Here we output which model type was the best and the number of estimators used with that model.

In [37]:
gs.best_params_

{'model__boosting_type': 'goss', 'model__n_estimators': 100}

Here we find what was the true best score out of all the models.

In [38]:
gs.best_score_

-16.663497768870034

Here is another look at how our pipeline is using one hot encoder with column transformer in order to properly run the LGBM regressor.

In [39]:
gs.best_estimator_

###Joblib

Finally we utilize joblib to load array files that were saved during the grid search. Joblib also enables us to use multiprocessing accross numerous machines so we can if we want use more computing resources to accelerate our model's training processes.

In [40]:
joblib.dump(gs.best_estimator_, 'model.joblib')

['model.joblib']

In [41]:
mdl = joblib.load('model.joblib')

##**Investment Prediction**

###Dataset Information and Rules

Bringing back the head of the CSV so we know the columns needed to set up our investment that we are trying to predict if it will be successful.

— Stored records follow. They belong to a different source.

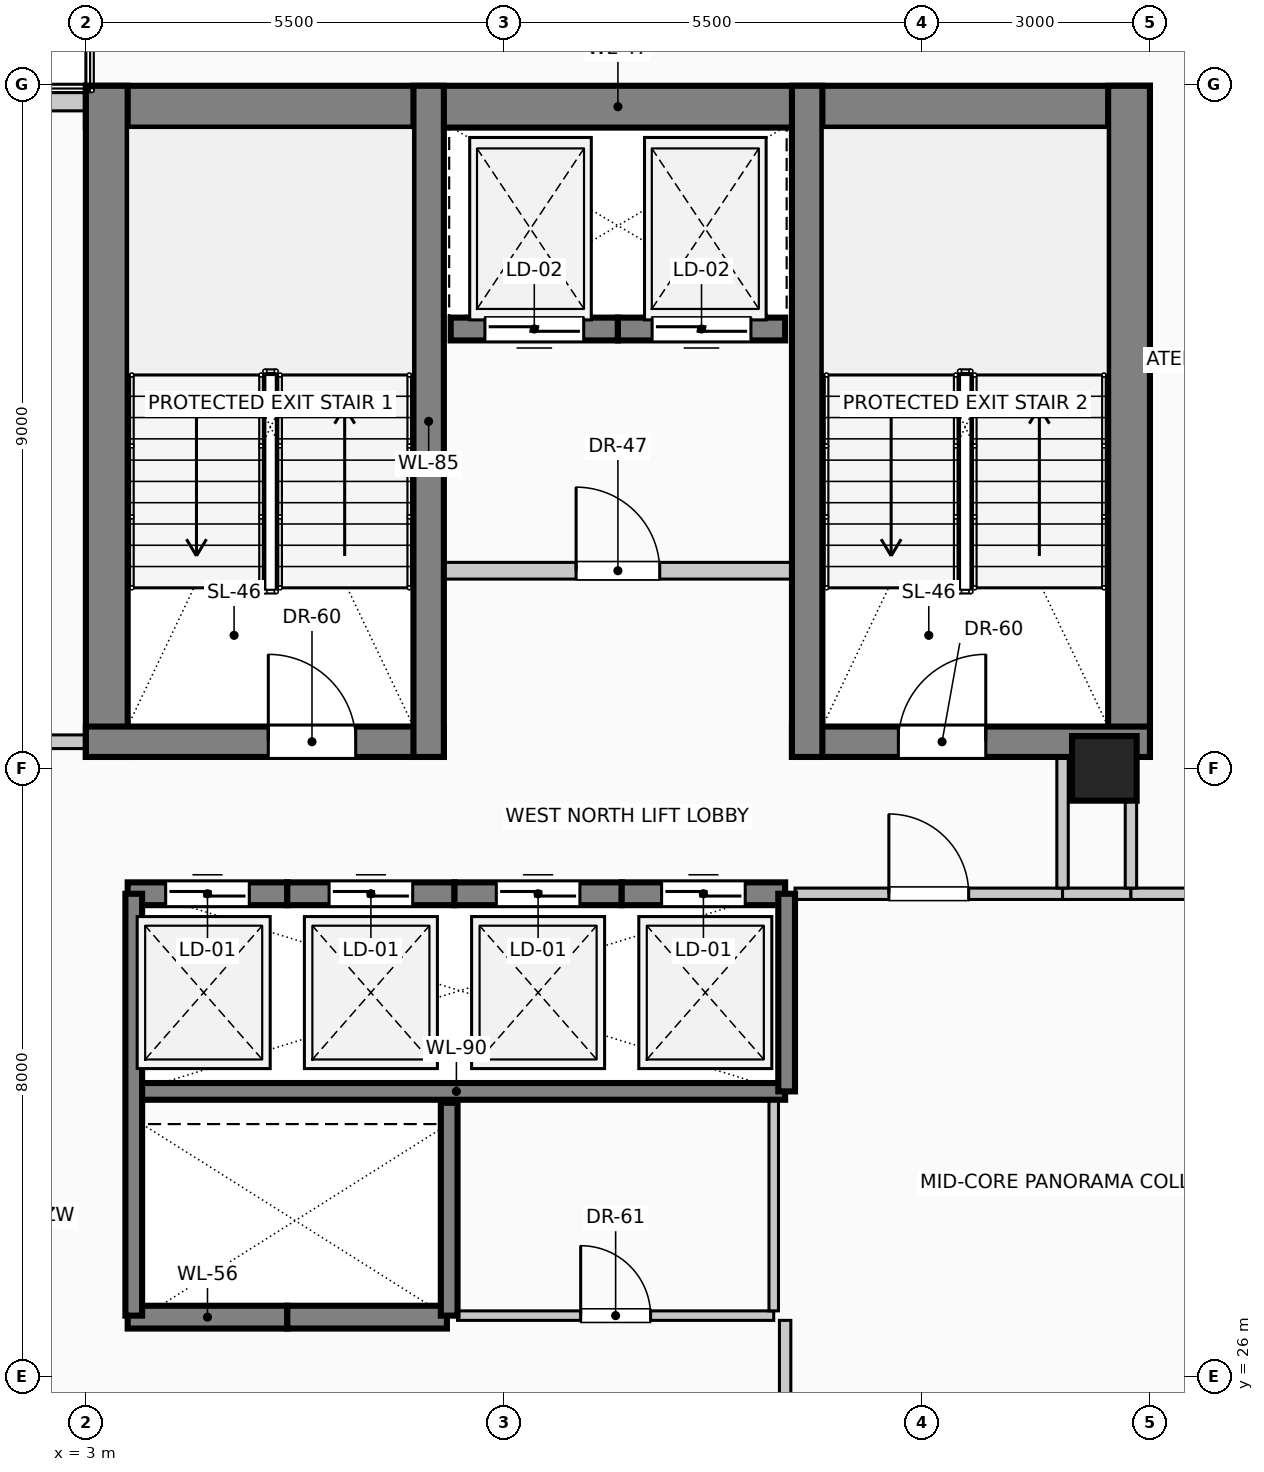
"""IFC4 building model, lengths in metres.
Left out: names, types, materials, properties, quantities, classifications, styles, units other than length and angle.
Written with IfcOpenShell. Run it as: python <this file> out.ifc"""

import sys

from ifc_helpers import new_model, si_unit, direction, frame, frame_2d, origin, origin_2d, place, context, subcontext, project, spatial, rectangle, circle, extrude, element, fill, save


model = new_model("IFC4")
c1 = context("Model", 3, precision=1e-05, world=origin(), true_north=direction((0.0, 1.0)))
c2 = subcontext(c1, "Body", "Model", "MODEL_VIEW")
j1 = project(units=[si_unit("LENGTHUNIT", "METRE"), si_unit("PLANEANGLEUNIT", "RADIAN")], contexts=[c1])
p1 = place(None, origin())
s1 = spatial("IfcSite", under=j1, at=p1, CompositionType="ELEMENT")
p2 = place(p1, origin())
s2 = spatial("IfcBuilding", under=s1, at=p2, CompositionType="ELEMENT")
p3 = place(p2, frame((0.0, 0.0, 272.6)))
s3 = spatial("IfcBuildingStorey", under=s2, at=p3, CompositionType="ELEMENT", Elevation=272.6)
p4 = place(p3, frame((3.0, 42.705, 0.0), z_axis=(0.0, 0.0, 1.0), x_axis=(1.0, 0.0, 0.0)))
e1 = element("IfcWall", 1, at=p4, inside=s3, PredefinedType="SHEAR", context=c2, shape_type="SweptSolid", body=[
    extrude(rectangle(XDim=14.0, YDim=0.55, at=frame_2d((7.0, 0.0))), origin(), (0.0, 0.0, 1.0), 4.0),
])
for number, where, z_axis, x_axis in (
    (2, (3.275, 34.15, 0.0), (0.0, 0.0, 1.0), (0.0, 1.0, 0.0)),
    (3, (16.725, 34.15, 0.0), (0.0, 0.0, 1.0), (0.0, 1.0, 0.0)),
):
    element("IfcWall", number, at=place(p3, frame(where, z_axis=z_axis, x_axis=x_axis)), inside=s3, PredefinedType="SHEAR", context=c2, shape_type="SweptSolid", body=[
        extrude(rectangle(XDim=8.83, YDim=0.55, at=frame_2d((4.415, 0.0))), origin(), (0.0, 0.0, 1.0), 4.0),
    ])
p5 = place(p3, frame((3.0, 34.35, 0.0), z_axis=(0.0, 0.0, 1.0), x_axis=(1.0, 0.0, 0.0)))
e4 = element("IfcWall", 4, at=p5, inside=s3, PredefinedType="SHEAR", context=c2, shape_type="SweptSolid", body=[
    extrude(rectangle(XDim=4.71, YDim=0.4, at=frame_2d((2.355, 0.0))), origin(), (0.0, 0.0, 1.0), 4.0),
])
p6 = place(p5, frame((2.4, 0.0, 0.0)))
e5 = element("IfcOpeningElement", 5, at=p6, cuts=e4, PredefinedType="OPENING", context=c2, shape_type="SweptSolid", body=[
    extrude(rectangle(XDim=1.15, YDim=2.2, at=frame_2d((0.575, 1.1))), frame((0.0, 0.21, 0.0), z_axis=(0.0, -1.0, 0.0), x_axis=(1.0, 0.0, 0.0)), (0.0, 0.0, 1.0), 0.42),
])
p7 = place(p3, frame((12.29, 34.35, 0.0), z_axis=(0.0, 0.0, 1.0), x_axis=(1.0, 0.0, 0.0)))
e6 = element("IfcWall", 6, at=p7, inside=s3, PredefinedType="SHEAR", context=c2, shape_type="SweptSolid", body=[
    extrude(rectangle(XDim=4.71, YDim=0.4, at=frame_2d((2.355, 0.0))), origin(), (0.0, 0.0, 1.0), 4.0),
])
p8 = place(p7, frame((1.4, 0.0, 0.0)))
e7 = element("IfcOpeningElement", 7, at=p8, cuts=e6, PredefinedType="OPENING", context=c2, shape_type="SweptSolid", body=[
    extrude(rectangle(XDim=1.15, YDim=2.2, at=frame_2d((0.575, 1.1))), frame((0.0, 0.21, 0.0), z_axis=(0.0, -1.0, 0.0), x_axis=(1.0, 0.0, 0.0)), (0.0, 0.0, 1.0), 0.42),
])
for number, where, z_axis, x_axis in (
    (8, (7.51, 34.15, 0.0), (0.0, 0.0, 1.0), (0.0, 1.0, 0.0)),
    (9, (12.49, 34.15, 0.0), (0.0, 0.0, 1.0), (0.0, 1.0, 0.0)),
):
    element("IfcWall", number, at=place(p3, frame(where, z_axis=z_axis, x_axis=x_axis)), inside=s3, PredefinedType="SHEAR", context=c2, shape_type="SweptSolid", body=[
        extrude(rectangle(XDim=8.83, YDim=0.4, at=frame_2d((4.415, 0.0))), origin(), (0.0, 0.0, 1.0), 4.0),
    ])
p9 = place(p3, frame((16.4, 34.0, 0.0), z_axis=(0.0, 0.0, 1.0), x_axis=(1.0, 0.0, 0.0)))
e10 = element("IfcColumn", 10, at=p9, inside=s3, PredefinedType="COLUMN", context=c2, shape_type="SweptSolid", body=[
    extrude(circle(Radius=0.425, at=origin_2d()), origin(), (0.0, 0.0, 1.0), 4.0),
])
p10 = place(p3, frame((0.6, 42.77, 0.0), z_axis=(0.0, 0.0, 1.0), x_axis=(1.0, 0.0, 0.0)))
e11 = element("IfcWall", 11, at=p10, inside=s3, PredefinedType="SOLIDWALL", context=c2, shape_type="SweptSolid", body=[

Once again here is the key for the data set:

1.   Investment Name: The name of where the investment came from.
2.   Investment: Total dollars invested (USD)
3.   Time: Short-term = 1, Long-term = 2
4.   Skill: Low = 1, Medium = 2, High = 3
5.   Impact: Low = 1, Medium = 2, High = 3
6.   Successful: The percentage represented as an integer of the investment being successful.




In [42]:
df.head(10)

Unnamed: 0,Investment Name,Investment,Time,Skill,Impact,Successful
0,Stock A,10000,2,3,3,70
1,Stock B,15000,1,2,3,60
2,Mutual Fund C,20000,2,1,1,80
3,ETF D,25000,1,3,1,85
4,Real Estate E,5000,2,2,3,75
5,Bond F,7500,2,3,1,65
6,Commodity G,35000,2,2,2,55
7,Forex H,5000,1,3,1,50
8,Private Equity I,30000,2,1,2,70
9,Hedge Fund J,2000,1,3,1,75


###Data Entry

Within the Xnew line in our code in between each comma type in the data of the four features you are looking at using the above key and snippet of the data set as a guide. The Xnew line should be structured like this:

**Xnew = [Investment Name, Investment, Time, Skill, Impact]**



In [43]:
q = pd.DataFrame([['Tesla Stock', '20000', '2', '3', '3']],
             columns=X.columns)
q

Unnamed: 0,Investment Name,Investment,Time,Skill,Impact
0,Tesla Stock,20000,2,3,3


This line will output whether the chance of the investment (startup) being successful based on KPI metrics as a percentage.



In [64]:
 a = mdl.predict(q)

 for i in a:
  score = i

new_score = float(score)


print("The investment has a {:0.2f}% chance of being successful.".format(new_score))

The investment has a 59.57% chance of being successful.